Superhuman has Read Status tracking. It even started a controversy a few years ago, which, in my opinion, was way overblown (but it’s good they removed IP and geography tracking from it). Now, one aspect of pitching reporters is that they get a ton of emails and rarely reply. If I see that they read my pitch and ignored it, I don’t have to follow up. Of course, there is similar functionality in other email apps (which aren’t free as well) and Gmail extensions like Mailtrack. But these extensions never integrate well. This was one of the original ideas behind Superhuman. Its founders built and sold Rapportive, a Gmail extension connecting with LinkedIn, and realized that many people used half a dozen of similar extensions at any time. Superhuman is a brand-new app that comes with these functions baked in.

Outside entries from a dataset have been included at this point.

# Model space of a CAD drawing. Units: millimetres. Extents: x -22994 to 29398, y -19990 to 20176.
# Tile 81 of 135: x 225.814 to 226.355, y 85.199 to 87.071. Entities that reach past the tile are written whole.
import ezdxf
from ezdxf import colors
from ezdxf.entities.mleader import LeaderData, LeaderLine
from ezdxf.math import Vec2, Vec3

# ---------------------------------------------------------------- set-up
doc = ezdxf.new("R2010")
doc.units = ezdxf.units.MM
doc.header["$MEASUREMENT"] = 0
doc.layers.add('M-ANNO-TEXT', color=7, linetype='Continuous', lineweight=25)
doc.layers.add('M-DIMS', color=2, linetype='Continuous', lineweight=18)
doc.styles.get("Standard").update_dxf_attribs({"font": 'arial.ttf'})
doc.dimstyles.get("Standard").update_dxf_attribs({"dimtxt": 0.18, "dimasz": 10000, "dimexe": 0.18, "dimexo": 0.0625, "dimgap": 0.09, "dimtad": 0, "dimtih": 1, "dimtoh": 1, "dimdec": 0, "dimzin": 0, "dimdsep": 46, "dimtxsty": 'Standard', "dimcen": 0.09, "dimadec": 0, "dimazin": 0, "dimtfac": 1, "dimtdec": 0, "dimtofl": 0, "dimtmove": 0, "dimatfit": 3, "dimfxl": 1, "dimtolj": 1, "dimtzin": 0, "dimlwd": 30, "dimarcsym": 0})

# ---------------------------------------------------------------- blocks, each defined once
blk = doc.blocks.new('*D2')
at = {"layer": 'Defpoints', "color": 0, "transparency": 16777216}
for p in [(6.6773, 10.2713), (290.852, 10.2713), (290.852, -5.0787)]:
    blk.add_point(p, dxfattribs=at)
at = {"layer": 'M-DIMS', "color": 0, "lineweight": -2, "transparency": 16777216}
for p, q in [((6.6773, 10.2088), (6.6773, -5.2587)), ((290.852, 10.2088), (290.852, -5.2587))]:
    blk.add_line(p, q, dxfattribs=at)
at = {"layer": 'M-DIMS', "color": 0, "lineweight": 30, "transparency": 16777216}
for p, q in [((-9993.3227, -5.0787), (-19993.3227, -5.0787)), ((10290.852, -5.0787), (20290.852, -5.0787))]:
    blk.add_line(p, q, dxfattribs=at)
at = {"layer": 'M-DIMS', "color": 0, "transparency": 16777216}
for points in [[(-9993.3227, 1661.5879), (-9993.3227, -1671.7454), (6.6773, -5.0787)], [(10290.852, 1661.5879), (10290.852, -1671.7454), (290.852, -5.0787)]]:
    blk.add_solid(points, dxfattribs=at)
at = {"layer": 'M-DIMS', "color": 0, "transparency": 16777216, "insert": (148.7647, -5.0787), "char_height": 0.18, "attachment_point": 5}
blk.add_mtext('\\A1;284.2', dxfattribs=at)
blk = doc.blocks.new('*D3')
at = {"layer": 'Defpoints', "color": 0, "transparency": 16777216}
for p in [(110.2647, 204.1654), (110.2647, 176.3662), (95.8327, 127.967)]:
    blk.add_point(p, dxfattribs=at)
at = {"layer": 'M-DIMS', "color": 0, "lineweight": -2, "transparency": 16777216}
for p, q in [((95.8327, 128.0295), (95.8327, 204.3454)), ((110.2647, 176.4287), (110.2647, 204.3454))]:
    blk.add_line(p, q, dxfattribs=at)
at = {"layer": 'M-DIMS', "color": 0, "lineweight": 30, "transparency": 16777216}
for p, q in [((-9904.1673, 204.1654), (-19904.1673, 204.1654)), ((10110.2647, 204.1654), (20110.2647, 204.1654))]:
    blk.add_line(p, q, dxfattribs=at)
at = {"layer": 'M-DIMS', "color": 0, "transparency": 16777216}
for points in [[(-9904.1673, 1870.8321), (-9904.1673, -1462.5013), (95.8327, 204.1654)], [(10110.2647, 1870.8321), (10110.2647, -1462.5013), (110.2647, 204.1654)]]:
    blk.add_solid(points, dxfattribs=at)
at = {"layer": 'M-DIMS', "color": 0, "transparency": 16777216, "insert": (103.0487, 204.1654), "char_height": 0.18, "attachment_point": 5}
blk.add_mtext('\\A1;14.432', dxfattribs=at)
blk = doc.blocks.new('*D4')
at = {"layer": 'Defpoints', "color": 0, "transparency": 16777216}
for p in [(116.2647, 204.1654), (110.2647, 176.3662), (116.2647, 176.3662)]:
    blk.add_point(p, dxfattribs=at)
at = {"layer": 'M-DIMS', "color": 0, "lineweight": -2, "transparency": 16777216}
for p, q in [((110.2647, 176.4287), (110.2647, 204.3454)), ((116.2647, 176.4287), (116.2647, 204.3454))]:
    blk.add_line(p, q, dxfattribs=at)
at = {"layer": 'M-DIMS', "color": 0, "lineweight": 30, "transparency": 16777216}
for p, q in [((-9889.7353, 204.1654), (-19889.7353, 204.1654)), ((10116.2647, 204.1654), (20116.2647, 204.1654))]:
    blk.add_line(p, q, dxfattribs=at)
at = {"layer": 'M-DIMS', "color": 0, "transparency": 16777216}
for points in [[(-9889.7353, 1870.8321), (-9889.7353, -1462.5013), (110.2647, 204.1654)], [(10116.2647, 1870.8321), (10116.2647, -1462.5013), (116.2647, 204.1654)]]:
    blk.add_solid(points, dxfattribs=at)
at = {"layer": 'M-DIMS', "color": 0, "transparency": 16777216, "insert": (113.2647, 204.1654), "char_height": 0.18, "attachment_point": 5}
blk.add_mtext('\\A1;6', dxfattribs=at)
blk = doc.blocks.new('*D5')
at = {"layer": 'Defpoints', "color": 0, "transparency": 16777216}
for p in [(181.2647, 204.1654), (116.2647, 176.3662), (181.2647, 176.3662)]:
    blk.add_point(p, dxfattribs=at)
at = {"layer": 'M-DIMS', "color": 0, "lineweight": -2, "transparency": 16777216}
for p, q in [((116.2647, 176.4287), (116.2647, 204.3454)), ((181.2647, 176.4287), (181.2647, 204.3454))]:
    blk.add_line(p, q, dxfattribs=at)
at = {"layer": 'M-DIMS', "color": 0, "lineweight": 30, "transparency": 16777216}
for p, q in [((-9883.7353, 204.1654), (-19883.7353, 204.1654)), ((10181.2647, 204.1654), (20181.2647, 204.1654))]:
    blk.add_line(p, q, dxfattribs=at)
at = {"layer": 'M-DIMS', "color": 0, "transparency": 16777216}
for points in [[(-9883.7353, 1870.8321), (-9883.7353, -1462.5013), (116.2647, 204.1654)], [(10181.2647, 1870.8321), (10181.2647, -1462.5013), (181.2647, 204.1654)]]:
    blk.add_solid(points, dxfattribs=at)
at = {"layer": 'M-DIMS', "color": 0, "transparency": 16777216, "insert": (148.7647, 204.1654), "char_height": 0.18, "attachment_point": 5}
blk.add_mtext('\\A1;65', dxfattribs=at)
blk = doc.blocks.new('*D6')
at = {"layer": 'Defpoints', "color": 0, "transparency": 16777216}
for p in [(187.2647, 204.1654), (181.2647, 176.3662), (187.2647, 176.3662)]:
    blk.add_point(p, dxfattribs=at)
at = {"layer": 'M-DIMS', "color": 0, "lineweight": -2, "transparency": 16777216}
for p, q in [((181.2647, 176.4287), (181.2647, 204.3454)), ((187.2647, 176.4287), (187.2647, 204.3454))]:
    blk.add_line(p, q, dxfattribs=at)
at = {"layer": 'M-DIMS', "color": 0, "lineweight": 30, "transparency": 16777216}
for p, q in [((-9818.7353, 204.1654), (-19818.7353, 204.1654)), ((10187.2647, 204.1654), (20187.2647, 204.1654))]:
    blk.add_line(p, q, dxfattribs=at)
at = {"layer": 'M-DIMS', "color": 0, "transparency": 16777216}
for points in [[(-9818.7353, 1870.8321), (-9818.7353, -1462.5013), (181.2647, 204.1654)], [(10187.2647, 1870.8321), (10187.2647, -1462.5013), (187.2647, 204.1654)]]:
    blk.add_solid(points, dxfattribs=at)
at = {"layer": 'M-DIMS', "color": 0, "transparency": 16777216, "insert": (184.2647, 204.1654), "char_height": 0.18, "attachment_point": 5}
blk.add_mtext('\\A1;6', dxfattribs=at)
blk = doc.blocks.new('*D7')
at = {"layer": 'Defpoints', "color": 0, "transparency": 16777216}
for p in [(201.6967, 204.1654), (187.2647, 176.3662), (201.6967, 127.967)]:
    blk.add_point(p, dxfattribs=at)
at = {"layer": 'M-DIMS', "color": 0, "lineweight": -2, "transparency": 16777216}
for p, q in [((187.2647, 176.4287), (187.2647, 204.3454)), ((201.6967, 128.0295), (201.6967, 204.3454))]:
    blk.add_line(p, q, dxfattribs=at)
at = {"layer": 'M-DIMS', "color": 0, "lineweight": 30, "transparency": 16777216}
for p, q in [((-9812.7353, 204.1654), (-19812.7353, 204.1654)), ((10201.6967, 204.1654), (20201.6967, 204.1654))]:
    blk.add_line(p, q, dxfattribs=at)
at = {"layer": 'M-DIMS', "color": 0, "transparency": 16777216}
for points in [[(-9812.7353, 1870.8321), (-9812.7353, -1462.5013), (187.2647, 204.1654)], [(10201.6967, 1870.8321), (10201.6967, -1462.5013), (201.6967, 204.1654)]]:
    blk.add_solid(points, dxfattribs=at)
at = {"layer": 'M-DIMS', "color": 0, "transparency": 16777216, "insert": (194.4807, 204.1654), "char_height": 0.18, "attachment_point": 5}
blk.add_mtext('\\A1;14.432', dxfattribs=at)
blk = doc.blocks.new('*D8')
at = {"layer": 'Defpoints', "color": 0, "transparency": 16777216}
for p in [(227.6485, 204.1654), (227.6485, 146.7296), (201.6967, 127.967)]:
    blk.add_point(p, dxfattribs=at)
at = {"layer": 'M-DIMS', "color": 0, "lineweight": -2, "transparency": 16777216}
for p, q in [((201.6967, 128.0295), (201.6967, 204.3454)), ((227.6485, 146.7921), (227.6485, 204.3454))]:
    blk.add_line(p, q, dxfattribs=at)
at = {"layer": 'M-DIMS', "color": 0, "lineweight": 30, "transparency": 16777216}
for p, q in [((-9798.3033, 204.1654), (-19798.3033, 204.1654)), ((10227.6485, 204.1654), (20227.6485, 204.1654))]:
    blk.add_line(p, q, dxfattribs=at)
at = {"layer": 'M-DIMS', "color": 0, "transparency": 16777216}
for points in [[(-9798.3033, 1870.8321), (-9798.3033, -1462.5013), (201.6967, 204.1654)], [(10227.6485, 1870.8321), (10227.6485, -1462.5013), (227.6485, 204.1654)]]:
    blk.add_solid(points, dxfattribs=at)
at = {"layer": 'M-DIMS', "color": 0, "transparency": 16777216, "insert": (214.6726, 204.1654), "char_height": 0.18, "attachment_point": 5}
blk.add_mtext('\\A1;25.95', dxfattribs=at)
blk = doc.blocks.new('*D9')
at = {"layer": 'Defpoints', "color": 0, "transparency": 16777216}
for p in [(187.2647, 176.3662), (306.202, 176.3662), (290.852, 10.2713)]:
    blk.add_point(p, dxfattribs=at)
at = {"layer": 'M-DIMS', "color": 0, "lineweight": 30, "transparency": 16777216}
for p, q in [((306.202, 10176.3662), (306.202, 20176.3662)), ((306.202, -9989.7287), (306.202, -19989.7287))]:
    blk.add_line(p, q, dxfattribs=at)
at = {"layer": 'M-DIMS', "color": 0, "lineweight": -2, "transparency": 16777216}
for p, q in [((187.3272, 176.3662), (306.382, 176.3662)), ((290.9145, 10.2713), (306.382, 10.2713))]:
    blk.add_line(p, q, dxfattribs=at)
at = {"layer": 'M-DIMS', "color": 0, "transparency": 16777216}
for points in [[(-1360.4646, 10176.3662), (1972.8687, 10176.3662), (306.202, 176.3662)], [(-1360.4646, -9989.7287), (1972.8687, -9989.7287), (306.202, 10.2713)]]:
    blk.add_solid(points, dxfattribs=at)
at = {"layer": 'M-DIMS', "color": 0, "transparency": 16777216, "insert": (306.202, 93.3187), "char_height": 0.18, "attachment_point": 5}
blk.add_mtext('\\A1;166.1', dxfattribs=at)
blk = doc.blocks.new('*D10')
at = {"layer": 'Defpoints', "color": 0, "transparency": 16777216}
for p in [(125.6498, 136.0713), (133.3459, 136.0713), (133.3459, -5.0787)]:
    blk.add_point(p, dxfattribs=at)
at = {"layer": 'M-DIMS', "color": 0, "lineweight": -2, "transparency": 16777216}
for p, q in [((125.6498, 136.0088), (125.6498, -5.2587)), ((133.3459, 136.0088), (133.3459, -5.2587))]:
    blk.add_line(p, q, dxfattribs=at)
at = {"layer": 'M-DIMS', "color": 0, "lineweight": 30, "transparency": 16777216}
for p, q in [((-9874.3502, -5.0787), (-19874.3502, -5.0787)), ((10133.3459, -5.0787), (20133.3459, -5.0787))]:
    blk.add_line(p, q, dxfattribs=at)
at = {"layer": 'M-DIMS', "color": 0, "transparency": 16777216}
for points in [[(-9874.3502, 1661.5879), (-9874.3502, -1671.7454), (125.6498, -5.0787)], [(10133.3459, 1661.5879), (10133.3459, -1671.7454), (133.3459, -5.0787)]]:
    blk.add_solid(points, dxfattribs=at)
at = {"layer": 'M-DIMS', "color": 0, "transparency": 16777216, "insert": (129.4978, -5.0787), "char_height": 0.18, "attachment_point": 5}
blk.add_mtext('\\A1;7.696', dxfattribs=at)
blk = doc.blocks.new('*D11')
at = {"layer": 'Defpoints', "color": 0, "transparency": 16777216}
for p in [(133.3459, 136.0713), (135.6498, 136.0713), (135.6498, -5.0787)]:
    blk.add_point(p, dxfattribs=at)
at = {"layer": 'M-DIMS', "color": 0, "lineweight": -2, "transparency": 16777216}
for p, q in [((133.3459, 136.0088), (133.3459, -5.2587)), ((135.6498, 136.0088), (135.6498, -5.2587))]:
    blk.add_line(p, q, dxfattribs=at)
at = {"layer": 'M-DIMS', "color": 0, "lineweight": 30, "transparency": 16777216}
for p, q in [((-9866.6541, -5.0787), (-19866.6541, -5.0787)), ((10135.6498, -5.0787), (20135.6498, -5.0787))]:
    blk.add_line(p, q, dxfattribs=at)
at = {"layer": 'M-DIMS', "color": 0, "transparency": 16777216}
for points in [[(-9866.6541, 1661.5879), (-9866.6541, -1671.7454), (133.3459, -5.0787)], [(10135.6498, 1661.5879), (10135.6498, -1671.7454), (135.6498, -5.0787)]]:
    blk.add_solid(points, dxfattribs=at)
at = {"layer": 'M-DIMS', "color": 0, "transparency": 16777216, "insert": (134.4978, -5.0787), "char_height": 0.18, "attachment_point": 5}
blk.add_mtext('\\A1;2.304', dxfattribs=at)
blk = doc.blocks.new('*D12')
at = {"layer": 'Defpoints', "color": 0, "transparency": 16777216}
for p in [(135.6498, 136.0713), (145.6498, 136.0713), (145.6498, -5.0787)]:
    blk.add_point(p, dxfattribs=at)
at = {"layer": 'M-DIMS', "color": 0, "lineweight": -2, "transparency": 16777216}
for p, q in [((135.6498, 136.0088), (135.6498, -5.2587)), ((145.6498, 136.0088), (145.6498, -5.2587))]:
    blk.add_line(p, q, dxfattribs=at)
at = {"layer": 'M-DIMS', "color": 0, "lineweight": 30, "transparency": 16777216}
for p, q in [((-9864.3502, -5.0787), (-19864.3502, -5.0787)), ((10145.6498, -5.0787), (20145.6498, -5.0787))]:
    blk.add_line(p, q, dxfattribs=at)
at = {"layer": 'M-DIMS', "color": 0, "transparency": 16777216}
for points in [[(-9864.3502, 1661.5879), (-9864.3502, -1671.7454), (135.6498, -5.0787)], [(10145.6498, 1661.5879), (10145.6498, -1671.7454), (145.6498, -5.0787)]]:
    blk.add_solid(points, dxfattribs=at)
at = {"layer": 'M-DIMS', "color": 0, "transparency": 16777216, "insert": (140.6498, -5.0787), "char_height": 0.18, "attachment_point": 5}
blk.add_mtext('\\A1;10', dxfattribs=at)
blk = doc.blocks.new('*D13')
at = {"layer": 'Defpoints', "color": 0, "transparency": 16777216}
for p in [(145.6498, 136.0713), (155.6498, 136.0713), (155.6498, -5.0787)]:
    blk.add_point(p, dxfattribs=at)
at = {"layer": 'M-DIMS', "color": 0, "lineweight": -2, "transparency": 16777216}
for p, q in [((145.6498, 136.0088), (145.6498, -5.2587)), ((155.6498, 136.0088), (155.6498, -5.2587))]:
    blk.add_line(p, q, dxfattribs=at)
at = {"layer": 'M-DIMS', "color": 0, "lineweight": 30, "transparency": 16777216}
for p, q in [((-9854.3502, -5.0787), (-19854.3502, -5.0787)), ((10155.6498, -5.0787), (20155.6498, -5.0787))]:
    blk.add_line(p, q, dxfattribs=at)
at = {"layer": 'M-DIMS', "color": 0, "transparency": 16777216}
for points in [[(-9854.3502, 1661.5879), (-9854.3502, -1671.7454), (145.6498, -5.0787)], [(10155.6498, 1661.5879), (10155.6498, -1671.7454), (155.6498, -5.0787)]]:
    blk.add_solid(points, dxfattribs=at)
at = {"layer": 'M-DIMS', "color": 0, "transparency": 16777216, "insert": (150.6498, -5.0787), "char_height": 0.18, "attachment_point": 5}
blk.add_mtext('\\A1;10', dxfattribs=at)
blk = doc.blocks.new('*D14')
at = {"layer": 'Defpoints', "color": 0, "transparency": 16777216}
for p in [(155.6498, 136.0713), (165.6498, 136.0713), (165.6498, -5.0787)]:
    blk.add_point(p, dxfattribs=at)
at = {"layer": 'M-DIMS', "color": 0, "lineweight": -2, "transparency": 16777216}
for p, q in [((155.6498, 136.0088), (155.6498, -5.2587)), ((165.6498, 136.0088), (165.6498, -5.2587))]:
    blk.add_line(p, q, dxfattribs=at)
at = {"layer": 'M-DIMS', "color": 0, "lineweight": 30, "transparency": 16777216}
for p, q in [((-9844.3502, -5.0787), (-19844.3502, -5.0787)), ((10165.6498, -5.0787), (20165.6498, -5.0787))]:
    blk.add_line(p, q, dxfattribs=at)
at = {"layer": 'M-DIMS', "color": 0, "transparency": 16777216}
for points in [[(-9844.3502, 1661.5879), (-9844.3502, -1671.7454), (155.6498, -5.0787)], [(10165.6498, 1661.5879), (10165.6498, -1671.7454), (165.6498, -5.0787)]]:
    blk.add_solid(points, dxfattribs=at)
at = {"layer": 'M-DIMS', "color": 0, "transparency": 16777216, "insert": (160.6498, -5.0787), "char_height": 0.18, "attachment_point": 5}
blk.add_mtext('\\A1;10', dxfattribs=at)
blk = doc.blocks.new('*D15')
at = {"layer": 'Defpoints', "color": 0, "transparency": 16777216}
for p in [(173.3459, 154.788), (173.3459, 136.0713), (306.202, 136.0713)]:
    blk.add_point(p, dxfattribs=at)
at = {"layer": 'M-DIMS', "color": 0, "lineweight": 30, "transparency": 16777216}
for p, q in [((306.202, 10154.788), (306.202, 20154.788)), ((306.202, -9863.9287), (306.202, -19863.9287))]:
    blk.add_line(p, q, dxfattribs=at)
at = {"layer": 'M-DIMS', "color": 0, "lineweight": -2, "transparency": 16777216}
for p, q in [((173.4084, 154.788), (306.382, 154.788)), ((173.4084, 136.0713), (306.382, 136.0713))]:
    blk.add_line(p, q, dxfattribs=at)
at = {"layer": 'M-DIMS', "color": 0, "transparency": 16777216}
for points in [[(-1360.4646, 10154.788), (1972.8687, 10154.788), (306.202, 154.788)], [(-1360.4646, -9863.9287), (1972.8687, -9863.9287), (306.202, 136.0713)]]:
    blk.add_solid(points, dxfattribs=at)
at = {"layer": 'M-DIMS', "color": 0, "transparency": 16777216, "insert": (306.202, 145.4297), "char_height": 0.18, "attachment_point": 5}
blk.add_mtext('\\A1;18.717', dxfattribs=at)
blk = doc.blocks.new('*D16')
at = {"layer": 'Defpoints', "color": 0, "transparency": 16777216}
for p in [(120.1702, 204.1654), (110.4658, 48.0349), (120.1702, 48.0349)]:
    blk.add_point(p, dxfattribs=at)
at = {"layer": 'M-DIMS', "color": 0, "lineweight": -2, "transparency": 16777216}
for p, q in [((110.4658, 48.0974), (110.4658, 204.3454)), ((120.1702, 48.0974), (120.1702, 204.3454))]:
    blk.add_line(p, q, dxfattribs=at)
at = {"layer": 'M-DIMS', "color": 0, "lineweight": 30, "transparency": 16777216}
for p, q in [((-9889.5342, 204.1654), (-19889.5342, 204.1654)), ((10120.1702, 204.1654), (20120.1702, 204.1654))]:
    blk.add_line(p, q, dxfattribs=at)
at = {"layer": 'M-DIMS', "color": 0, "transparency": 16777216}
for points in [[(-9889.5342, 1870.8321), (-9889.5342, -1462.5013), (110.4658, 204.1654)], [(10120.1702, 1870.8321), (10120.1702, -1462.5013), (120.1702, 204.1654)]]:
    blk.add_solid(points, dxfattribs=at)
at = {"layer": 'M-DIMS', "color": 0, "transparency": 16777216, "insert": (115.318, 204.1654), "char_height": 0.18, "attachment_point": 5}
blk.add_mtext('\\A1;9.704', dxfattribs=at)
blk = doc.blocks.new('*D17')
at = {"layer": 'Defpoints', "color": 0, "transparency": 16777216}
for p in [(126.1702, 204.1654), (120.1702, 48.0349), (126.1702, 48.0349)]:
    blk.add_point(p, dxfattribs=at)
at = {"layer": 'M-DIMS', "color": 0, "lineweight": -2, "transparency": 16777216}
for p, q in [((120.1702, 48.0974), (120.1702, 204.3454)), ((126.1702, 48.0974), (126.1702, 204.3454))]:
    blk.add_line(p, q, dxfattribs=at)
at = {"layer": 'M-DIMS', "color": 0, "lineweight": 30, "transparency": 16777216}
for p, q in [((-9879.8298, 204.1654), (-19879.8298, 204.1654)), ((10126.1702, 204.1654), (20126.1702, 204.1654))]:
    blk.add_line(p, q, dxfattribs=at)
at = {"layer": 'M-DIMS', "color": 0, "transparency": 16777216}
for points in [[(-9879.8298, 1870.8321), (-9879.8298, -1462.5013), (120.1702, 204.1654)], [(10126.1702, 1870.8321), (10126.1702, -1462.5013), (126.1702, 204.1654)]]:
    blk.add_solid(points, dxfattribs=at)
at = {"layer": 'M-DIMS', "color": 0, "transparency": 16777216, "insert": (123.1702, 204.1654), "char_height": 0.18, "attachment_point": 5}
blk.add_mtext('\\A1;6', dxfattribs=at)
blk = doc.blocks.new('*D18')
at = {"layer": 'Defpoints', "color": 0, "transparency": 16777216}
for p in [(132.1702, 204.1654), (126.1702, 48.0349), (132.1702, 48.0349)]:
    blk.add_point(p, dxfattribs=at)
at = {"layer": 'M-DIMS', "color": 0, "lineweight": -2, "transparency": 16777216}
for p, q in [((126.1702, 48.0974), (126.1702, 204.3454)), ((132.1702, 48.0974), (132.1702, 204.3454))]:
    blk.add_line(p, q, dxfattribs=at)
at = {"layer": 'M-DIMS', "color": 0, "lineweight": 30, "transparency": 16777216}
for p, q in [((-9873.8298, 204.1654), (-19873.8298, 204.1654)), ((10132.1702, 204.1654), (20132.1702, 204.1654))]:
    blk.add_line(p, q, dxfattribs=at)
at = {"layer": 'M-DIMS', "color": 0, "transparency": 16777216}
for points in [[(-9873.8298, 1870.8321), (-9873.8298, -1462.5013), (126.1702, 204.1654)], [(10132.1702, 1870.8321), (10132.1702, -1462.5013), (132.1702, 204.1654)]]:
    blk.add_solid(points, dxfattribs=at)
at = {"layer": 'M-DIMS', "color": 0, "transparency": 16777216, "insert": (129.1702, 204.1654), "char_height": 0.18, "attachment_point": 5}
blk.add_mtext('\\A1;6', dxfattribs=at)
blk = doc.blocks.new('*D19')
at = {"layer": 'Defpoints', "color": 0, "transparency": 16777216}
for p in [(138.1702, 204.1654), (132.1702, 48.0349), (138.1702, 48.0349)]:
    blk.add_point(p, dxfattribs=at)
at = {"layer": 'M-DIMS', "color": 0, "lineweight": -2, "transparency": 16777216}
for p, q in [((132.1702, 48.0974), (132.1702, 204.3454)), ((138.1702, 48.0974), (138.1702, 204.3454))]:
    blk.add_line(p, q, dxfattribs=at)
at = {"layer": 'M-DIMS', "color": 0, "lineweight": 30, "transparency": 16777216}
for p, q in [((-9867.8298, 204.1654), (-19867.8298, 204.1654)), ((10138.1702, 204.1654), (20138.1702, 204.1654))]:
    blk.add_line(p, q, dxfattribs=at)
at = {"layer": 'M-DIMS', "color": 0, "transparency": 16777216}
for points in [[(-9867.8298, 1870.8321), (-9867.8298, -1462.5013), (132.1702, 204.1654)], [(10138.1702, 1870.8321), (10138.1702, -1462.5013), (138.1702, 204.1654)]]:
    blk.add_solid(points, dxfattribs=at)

And then there are little things they never even boast about. For instance, if you worked with Gmail a lot, you know its text formatting is a mess. You write something in Google Docs, paste it into Gmail, it looks completely natural, and you send it only for the receiver to get an email with a giant font you never intended (sometimes it only breaks in mobile Gmail which is even worse). Cleaning all the formatting could help, but what if you need the text to use bold/italic and links? When you paste text into Superhuman, it preserves that and removes font and size inconsistencies. The entire app is filled with these wonderful little things.

***

Is Superhuman perfect? No. For me, there are still issues. The primary one is the pace of development. The team shifted focus to money-making audiences of enterprise clients, sales teams, and Outlook users; as a result, the app has barely seen any improvements for the single-player mode in years, with AI being the only major update.

There are things I’d love to see in Superhuman. One is more advanced attachments search and management functionality, similar to what you can find in Outlook and Hey. I often had issues finding “that lost version of the agreement signed by both sides”. Certain aspects of the email workflow remain the same as they were a decade ago and I don’t believe they can’t be improved.

The main reason Superhuman is able to charge so much for an email app is that there isn’t any real competition. Mac users can try out Mimestream, a lovely Gmail client with a native app available on a much cheaper subscription. But it has no iOS app and probably won’t have one any time soon. Apple’s Mail.app is conceptually outdated and a bit slow since it relies on IMAP. Gmail’s iOS app is barebones. Outlook for iOS is actually nice, but it had the same bugs driving me crazy for several years, and the desktop version is much more convoluted. Spark was OK but wasn’t that much better, and I lost my outgoing emails on too many occasions for me to trust it again. Twobird is an interesting newer entrant, but I’ve seen so many services emerge and die over the years I don’t have much confidence yet.

Frankly, there isn’t a single iOS-capable email app I could recommend to someone. And this is pathetic.

The truth of the matter is building a capable email app is incredibly difficult. Creating a sustainable business on top of one is even more challenging. At least Superhuman seems to be doing both of these things together.